Since values of dynamics rate can be very close to zero, the mean absolute relative error (MRE) is considered for \(\Gamma\). The MSE is calculated for other parameters. The accuracy of \(\Gamma\) keeps improving with increased number of hidden variables. But the rate of improvement slows down considerably above 5–8 variables. The same is observed for \(\alpha\) and \(C_{\infty }\). This is in agreement with the MSE (1TCF) between the model output and the target, as shown in Fig. 3. The accuracy of \(\beta\) is relatively uniform across all the models. Based on the above, we select the models with eight latent variables for further consideration.

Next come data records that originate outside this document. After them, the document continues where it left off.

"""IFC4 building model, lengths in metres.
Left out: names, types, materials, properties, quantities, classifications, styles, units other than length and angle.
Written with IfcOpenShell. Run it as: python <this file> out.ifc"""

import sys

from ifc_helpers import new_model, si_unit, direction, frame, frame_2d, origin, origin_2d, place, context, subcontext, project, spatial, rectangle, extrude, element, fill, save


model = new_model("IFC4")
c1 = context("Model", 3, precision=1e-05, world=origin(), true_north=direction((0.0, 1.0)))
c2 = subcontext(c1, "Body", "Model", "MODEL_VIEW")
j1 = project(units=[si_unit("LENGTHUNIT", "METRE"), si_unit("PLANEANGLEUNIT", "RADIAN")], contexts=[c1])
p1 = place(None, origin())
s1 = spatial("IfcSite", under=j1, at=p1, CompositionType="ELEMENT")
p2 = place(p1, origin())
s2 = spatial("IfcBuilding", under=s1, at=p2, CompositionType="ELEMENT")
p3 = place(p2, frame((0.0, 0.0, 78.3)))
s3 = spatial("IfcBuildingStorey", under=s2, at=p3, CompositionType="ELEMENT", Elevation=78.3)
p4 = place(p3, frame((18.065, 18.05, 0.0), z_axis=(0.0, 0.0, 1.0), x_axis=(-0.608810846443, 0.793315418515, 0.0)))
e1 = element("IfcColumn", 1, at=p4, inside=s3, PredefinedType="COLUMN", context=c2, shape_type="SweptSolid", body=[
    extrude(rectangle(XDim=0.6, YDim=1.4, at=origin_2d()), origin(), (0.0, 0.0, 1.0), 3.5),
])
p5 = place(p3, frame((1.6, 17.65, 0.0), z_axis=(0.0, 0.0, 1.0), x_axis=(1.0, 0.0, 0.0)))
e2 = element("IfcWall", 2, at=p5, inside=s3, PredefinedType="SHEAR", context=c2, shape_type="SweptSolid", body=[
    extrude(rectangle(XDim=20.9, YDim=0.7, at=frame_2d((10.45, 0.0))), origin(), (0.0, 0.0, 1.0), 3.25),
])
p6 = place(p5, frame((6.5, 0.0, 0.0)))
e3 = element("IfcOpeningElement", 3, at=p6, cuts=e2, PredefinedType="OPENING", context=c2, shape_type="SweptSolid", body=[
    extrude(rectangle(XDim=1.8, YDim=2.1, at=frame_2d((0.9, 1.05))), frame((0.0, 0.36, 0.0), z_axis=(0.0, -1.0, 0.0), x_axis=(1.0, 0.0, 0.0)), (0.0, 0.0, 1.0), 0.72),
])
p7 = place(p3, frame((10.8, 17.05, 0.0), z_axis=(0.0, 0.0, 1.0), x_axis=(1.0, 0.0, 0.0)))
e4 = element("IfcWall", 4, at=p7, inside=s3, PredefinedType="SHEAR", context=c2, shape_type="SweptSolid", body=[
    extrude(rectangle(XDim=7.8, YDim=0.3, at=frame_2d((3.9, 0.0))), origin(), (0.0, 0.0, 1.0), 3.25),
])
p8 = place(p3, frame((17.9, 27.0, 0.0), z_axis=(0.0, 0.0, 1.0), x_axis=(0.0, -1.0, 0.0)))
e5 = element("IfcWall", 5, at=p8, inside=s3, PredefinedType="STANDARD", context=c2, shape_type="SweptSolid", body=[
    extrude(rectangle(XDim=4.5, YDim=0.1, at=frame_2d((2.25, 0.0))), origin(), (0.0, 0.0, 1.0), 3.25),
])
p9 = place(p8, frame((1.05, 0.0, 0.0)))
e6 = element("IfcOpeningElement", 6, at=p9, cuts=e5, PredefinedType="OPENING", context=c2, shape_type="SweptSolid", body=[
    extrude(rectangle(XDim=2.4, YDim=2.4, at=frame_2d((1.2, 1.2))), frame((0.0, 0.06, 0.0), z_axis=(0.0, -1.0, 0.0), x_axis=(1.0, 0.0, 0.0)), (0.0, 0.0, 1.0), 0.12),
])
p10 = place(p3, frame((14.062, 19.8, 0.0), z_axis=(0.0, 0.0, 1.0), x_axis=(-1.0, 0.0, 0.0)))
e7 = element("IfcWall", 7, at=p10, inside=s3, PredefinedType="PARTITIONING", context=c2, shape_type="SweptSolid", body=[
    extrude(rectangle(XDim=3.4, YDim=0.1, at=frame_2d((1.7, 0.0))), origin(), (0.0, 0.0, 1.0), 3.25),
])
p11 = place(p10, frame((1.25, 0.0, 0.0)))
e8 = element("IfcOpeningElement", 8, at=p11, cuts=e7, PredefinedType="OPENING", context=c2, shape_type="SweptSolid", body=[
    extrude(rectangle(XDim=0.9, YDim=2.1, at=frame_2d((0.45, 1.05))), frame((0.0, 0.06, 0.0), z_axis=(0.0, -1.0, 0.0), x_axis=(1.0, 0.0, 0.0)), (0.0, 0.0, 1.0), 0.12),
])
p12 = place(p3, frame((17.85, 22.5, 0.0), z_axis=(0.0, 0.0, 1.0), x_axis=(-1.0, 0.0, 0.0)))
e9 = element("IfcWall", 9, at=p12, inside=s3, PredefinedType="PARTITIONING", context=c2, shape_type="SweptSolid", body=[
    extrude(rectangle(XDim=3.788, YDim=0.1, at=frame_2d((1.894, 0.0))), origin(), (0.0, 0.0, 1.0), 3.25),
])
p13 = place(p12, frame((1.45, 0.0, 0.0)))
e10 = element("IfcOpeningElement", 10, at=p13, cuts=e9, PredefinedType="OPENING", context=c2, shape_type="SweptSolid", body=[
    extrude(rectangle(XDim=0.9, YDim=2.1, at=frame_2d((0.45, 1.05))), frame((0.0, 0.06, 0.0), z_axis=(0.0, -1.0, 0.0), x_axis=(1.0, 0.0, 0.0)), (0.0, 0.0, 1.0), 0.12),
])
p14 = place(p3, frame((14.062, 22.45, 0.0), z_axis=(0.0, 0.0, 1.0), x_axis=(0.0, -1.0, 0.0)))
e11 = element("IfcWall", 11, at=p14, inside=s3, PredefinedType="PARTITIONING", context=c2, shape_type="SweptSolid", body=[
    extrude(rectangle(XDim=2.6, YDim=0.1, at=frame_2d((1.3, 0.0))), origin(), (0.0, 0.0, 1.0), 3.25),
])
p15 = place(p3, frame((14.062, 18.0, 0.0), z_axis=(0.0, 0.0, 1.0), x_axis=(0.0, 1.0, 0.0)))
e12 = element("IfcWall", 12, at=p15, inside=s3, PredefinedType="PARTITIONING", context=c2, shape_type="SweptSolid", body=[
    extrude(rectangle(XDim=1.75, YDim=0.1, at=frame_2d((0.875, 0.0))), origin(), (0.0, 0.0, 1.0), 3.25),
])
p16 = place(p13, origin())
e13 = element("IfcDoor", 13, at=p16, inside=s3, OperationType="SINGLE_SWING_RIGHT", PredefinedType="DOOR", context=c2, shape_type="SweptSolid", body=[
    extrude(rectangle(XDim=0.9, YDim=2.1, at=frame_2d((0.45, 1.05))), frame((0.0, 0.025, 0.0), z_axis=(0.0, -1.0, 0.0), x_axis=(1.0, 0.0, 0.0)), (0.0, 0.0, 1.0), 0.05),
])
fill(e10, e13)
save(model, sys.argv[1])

To address the variance of the selected CNN-ED, we train 100 such models with different random initialization and select among them the 10 best performing models based on the MSE (1TCF) for the validation set. Selecting only a limited number of the best performing models instead of combining all trained models also optimizes the use of storage memory and computational resources.

Model testing

The performance of the ensemble of models is evaluated through several tests. Firstly, we estimate the model applicability range by applying it to experiments that are similar to the ones used for training. An example of noise removal from a test datum is shown in Fig. 4. Reduction of the noise is especially important for larger lag times, where fewer scattering frames are available for calculating the correlations.

Figure 4
figure 4

Example of 2TCF denoising with the CNN-ED models. (A) From left to right: the raw input 2TCF; the averaged target; the output of the ensemble of CNN-ED models. (B) 1TCF calculated from each 2TCF in (A). The dashed line corresponding to a baseline \(C_{\infty } = 1\) is shown for convenience.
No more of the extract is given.